Had Mr. Brown scored lower, he might have waited even longer. The current list of conductor candidates, which is based on the 2004 exam, had 21,749 names on it in 2005. If previous lists are any guide, only about a third of those names will have been called by the time the list expires in 2009.
This wait is frustrating enough for ordinary applicants. But it is agonizing for subway buffs, the people who linger in stations waiting for a rare new-model test car to pass, stay up for 24 hours trying to travel every inch of the city’s tracks, or speculate online about how conductors relieve themselves in an emergency.
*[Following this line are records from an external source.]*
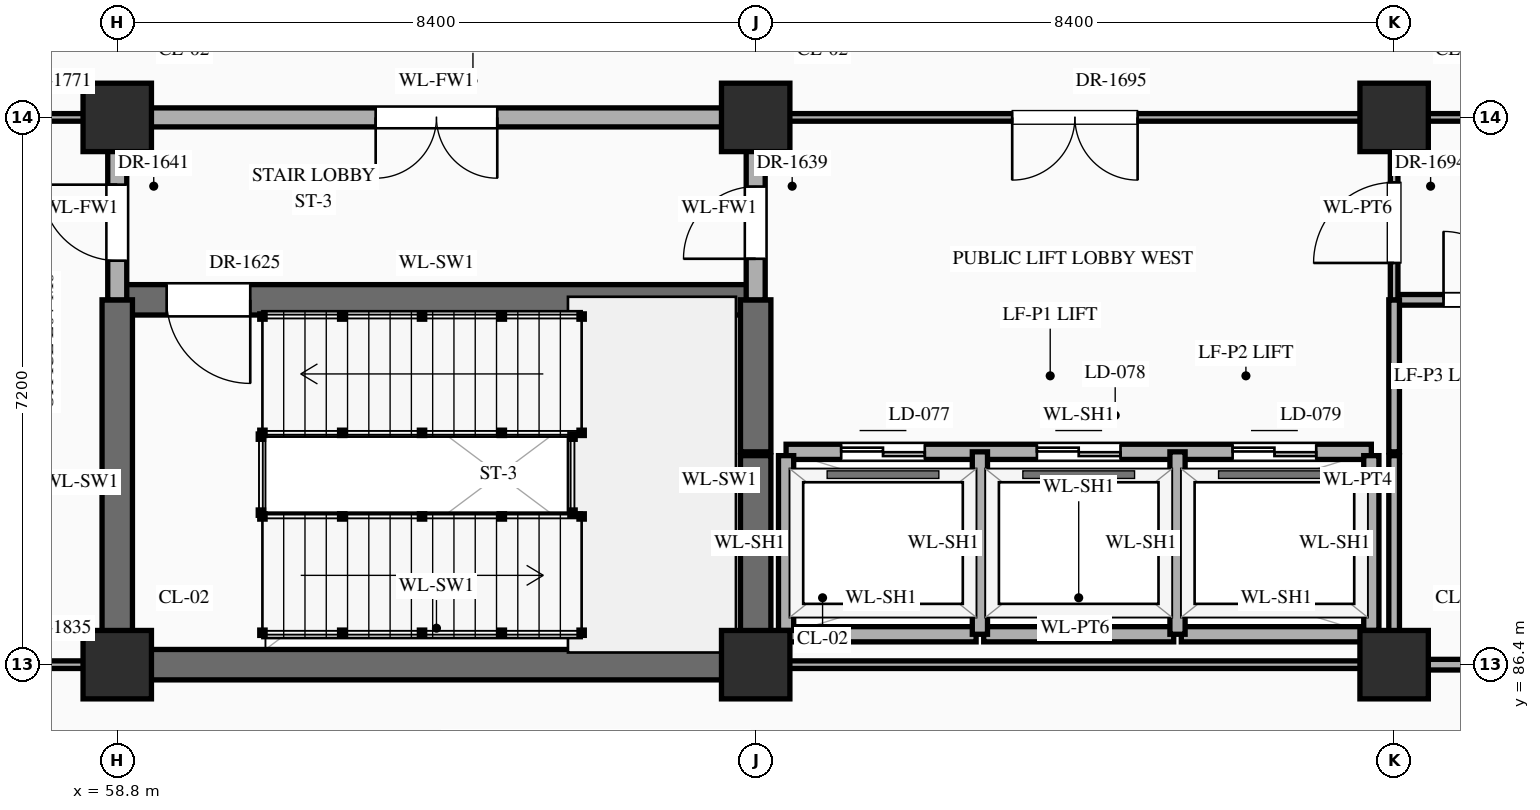
"""IFC4 building model, lengths in metres.
Left out: names, types, materials, properties, quantities, classifications, styles, units other than length and angle.
Written with IfcOpenShell. Run it as: python <this file> out.ifc"""

import sys

from ifc_helpers import new_model, si_unit, direction, frame, frame_2d, origin, origin_2d, place, context, subcontext, project, spatial, rectangle, extrude, element, fill, save


model = new_model("IFC4")
c1 = context("Model", 3, precision=1e-05, world=origin(), true_north=direction((0.0, 1.0)))
c2 = subcontext(c1, "Body", "Model", "MODEL_VIEW")
j1 = project(units=[si_unit("LENGTHUNIT", "METRE"), si_unit("PLANEANGLEUNIT", "RADIAN")], contexts=[c1])
p1 = place(None, origin())
s1 = spatial("IfcSite", under=j1, at=p1, CompositionType="ELEMENT")
p2 = place(p1, origin())
s2 = spatial("IfcBuilding", under=s1, at=p2, CompositionType="ELEMENT")
p3 = place(p2, frame((0.0, 0.0, 16.2)))
s3 = spatial("IfcBuildingStorey", under=s2, at=p3, CompositionType="ELEMENT", Elevation=16.2)
for number, where, z_axis, x_axis in (
    (1, (58.8, 86.4, 0.0), (0.0, 0.0, 1.0), (1.0, 0.0, 0.0)),
    (2, (58.8, 93.6, 0.0), (0.0, 0.0, 1.0), (1.0, 0.0, 0.0)),
    (3, (67.2, 86.4, 0.0), (0.0, 0.0, 1.0), (1.0, 0.0, 0.0)),
    (4, (67.2, 93.6, 0.0), (0.0, 0.0, 1.0), (1.0, 0.0, 0.0)),
    (5, (75.6, 86.4, 0.0), (0.0, 0.0, 1.0), (1.0, 0.0, 0.0)),
    (6, (75.6, 93.6, 0.0), (0.0, 0.0, 1.0), (1.0, 0.0, 0.0)),
):
    element("IfcColumn", number, at=place(p3, frame(where, z_axis=z_axis, x_axis=x_axis)), inside=s3, PredefinedType="COLUMN", context=c2, shape_type="SweptSolid", body=[
        extrude(rectangle(XDim=0.9, YDim=0.9, at=origin_2d()), origin(), (0.0, 0.0, 1.0), 5.4),
    ])
p4 = place(p3, frame((50.4, 86.4, 0.0), z_axis=(0.0, 0.0, 1.0), x_axis=(1.0, 0.0, 0.0)))
e7 = element("IfcWall", 7, at=p4, inside=s3, PredefinedType="STANDARD", context=c2, shape_type="SweptSolid", body=[
    extrude(rectangle(XDim=8.4, YDim=0.1, at=frame_2d((4.2, 0.0))), origin(), (0.0, 0.0, 1.0), 4.27),
])
p5 = place(p4, frame((1.135, 0.0, 0.0)))
e8 = element("IfcOpeningElement", 8, at=p5, cuts=e7, PredefinedType="OPENING", context=c2, shape_type="SweptSolid", body=[
    extrude(rectangle(XDim=0.9, YDim=2.15, at=frame_2d((0.45, 1.075))), frame((0.0, 0.062, 0.0), z_axis=(0.0, -1.0, 0.0), x_axis=(1.0, 0.0, 0.0)), (0.0, 0.0, 1.0), 0.124),
])
p6 = place(p4, frame((3.74, 0.0, 0.0)))
e9 = element("IfcOpeningElement", 9, at=p6, cuts=e7, PredefinedType="OPENING", context=c2, shape_type="SweptSolid", body=[
    extrude(rectangle(XDim=0.92, YDim=2.15, at=frame_2d((0.46, 1.075))), frame((0.0, 0.062, 0.0), z_axis=(0.0, -1.0, 0.0), x_axis=(1.0, 0.0, 0.0)), (0.0, 0.0, 1.0), 0.124),
])
p7 = place(p4, frame((6.335, 0.0, 0.0)))
e10 = element("IfcOpeningElement", 10, at=p7, cuts=e7, PredefinedType="OPENING", context=c2, shape_type="SweptSolid", body=[
    extrude(rectangle(XDim=0.96, YDim=2.2, at=frame_2d((0.48, 1.1))), frame((0.0, 0.062, 0.0), z_axis=(0.0, -1.0, 0.0), x_axis=(1.0, 0.0, 0.0)), (0.0, 0.0, 1.0), 0.124),
])
p8 = place(p3, frame((58.8, 86.4, 0.0), z_axis=(0.0, 0.0, 1.0), x_axis=(1.0, 0.0, 0.0)))
e11 = element("IfcWall", 11, at=p8, inside=s3, PredefinedType="SHEAR", context=c2, shape_type="SweptSolid", body=[
    extrude(rectangle(XDim=8.4, YDim=0.4, at=frame_2d((4.2, 0.0))), origin(), (0.0, 0.0, 1.0), 5.12),
])
p9 = place(p3, frame((67.25, 86.4, 0.0), z_axis=(0.0, 0.0, 1.0), x_axis=(1.0, 0.0, 0.0)))
e12 = element("IfcWall", 12, at=p9, inside=s3, PredefinedType="STANDARD", context=c2, shape_type="SweptSolid", body=[
    extrude(rectangle(XDim=8.3, YDim=0.1, at=frame_2d((4.15, 0.0))), origin(), (0.0, 0.0, 1.0), 4.27),
])
p10 = place(p3, frame((75.6, 86.4, 0.0), z_axis=(0.0, 0.0, 1.0), x_axis=(1.0, 0.0, 0.0)))
e13 = element("IfcWall", 13, at=p10, inside=s3, PredefinedType="STANDARD", context=c2, shape_type="SweptSolid", body=[
    extrude(rectangle(XDim=8.4, YDim=0.14, at=frame_2d((4.2, 0.0))), origin(), (0.0, 0.0, 1.0), 4.27),
])
for number, where, z_axis, x_axis in (
    (14, (67.6, 86.8, 0.0), (0.0, 0.0, 1.0), (1.0, 0.0, 0.0)),
    (15, (70.2, 86.8, 0.0), (0.0, 0.0, 1.0), (1.0, 0.0, 0.0)),
    (16, (72.8, 86.8, 0.0), (0.0, 0.0, 1.0), (1.0, 0.0, 0.0)),
):
    element("IfcWall", number, at=place(p3, frame(where, z_axis=z_axis, x_axis=x_axis)), inside=s3, PredefinedType="STANDARD", context=c2, shape_type="SweptSolid", body=[
        extrude(rectangle(XDim=2.5, YDim=0.2, at=frame_2d((1.25, 0.0))), origin(), (0.0, 0.0, 1.0), 5.12),
    ])
p11 = place(p3, frame((67.6, 89.2, 0.0), z_axis=(0.0, 0.0, 1.0), x_axis=(1.0, 0.0, 0.0)))
e17 = element("IfcWall", 17, at=p11, inside=s3, PredefinedType="STANDARD", context=c2, shape_type="SweptSolid", body=[
    extrude(rectangle(XDim=7.7, YDim=0.2, at=frame_2d((3.85, 0.0))), origin(), (0.0, 0.0, 1.0), 5.12),
])
p12 = place(p11, frame((0.725, 0.0, 0.0)))
e18 = element("IfcOpeningElement", 18, at=p12, cuts=e17, PredefinedType="OPENING", context=c2, shape_type="SweptSolid", body=[
    extrude(rectangle(XDim=1.1, YDim=2.15, at=frame_2d((0.55, 1.075))), frame((0.0, 0.112, 0.0), z_axis=(0.0, -1.0, 0.0), x_axis=(1.0, 0.0, 0.0)), (0.0, 0.0, 1.0), 0.224),
])
p13 = place(p11, frame((3.3, 0.0, 0.0)))
e19 = element("IfcOpeningElement", 19, at=p13, cuts=e17, PredefinedType="OPENING", context=c2, shape_type="SweptSolid", body=[
    extrude(rectangle(XDim=1.1, YDim=2.15, at=frame_2d((0.55, 1.075))), frame((0.0, 0.112, 0.0), z_axis=(0.0, -1.0, 0.0), x_axis=(1.0, 0.0, 0.0)), (0.0, 0.0, 1.0), 0.224),
])
p14 = place(p11, frame((5.875, 0.0, 0.0)))
e20 = element("IfcOpeningElement", 20, at=p14, cuts=e17, PredefinedType="OPENING", context=c2, shape_type="SweptSolid", body=[
    extrude(rectangle(XDim=1.1, YDim=2.15, at=frame_2d((0.55, 1.075))), frame((0.0, 0.112, 0.0), z_axis=(0.0, -1.0, 0.0), x_axis=(1.0, 0.0, 0.0)), (0.0, 0.0, 1.0), 0.224),
])
p15 = place(p3, frame((58.8, 91.2, 0.0), z_axis=(0.0, 0.0, 1.0), x_axis=(1.0, 0.0, 0.0)))
e21 = element("IfcWall", 21, at=p15, inside=s3, PredefinedType="SHEAR", context=c2, shape_type="SweptSolid", body=[
    extrude(rectangle(XDim=8.4, YDim=0.4, at=frame_2d((4.2, 0.0))), origin(), (0.0, 0.0, 1.0), 5.12),
])
p16 = place(p15, frame((0.65, 0.0, 0.0)))
e22 = element("IfcOpeningElement", 22, at=p16, cuts=e21, PredefinedType="OPENING", context=c2, shape_type="SweptSolid", body=[
    extrude(rectangle(XDim=1.1, YDim=2.2, at=frame_2d((0.55, 1.1))), frame((0.0, 0.212, 0.0), z_axis=(0.0, -1.0, 0.0), x_axis=(1.0, 0.0, 0.0)), (0.0, 0.0, 1.0), 0.424),
])
p17 = place(p3, frame((75.6, 91.2, 0.0), z_axis=(0.0, 0.0, 1.0), x_axis=(1.0, 0.0, 0.0)))
e23 = element("IfcWall", 23, at=p17, inside=s3, PredefinedType="STANDARD", context=c2, shape_type="SweptSolid", body=[
    extrude(rectangle(XDim=8.4, YDim=0.14, at=frame_2d((4.2, 0.0))), origin(), (0.0, 0.0, 1.0), 5.12),
])
p18 = place(p17, frame((0.65, 0.0, 0.0)))
e24 = element("IfcOpeningElement", 24, at=p18, cuts=e23, PredefinedType="OPENING", context=c2, shape_type="SweptSolid", body=[
    extrude(rectangle(XDim=0.9, YDim=2.15, at=frame_2d((0.45, 1.075))), frame((0.0, 0.082, 0.0), z_axis=(0.0, -1.0, 0.0), x_axis=(1.0, 0.0, 0.0)), (0.0, 0.0, 1.0), 0.164),
])
p19 = place(p17, frame((3.22, 0.0, 0.0)))
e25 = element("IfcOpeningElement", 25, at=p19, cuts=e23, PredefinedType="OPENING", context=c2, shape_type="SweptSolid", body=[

Some passengers may not want a starry-eyed hobbyist at the wheel of their train, but for a transit buff the chance to drive a subway car is a dream come true, a dizzying intersection of the workaday world and the realm of fantasy.
“When I was a kid, I’d always had a crazy little dream to drive a subway train,” said Vincent Sbano, 48, a retired tax lawyer from Bensonhurst, Brooklyn, who took the exam in 2003 and started as a trainee train operator on April 30.
. . .
Mr. Sbano does not consider himself a through-and-through subway buff, but he confirmed a piece of advice widely dispensed to job candidates on Rider Diaries: When applying for a job with the M.T.A., keep your subway enthusiasms to yourself.
The transportation authority denies that it discriminates against train fans, but on Rider Diaries the idea is alive and well. As a fellow transit fan wrote to Mr. Brown: “Don’t even hint you are a buff.”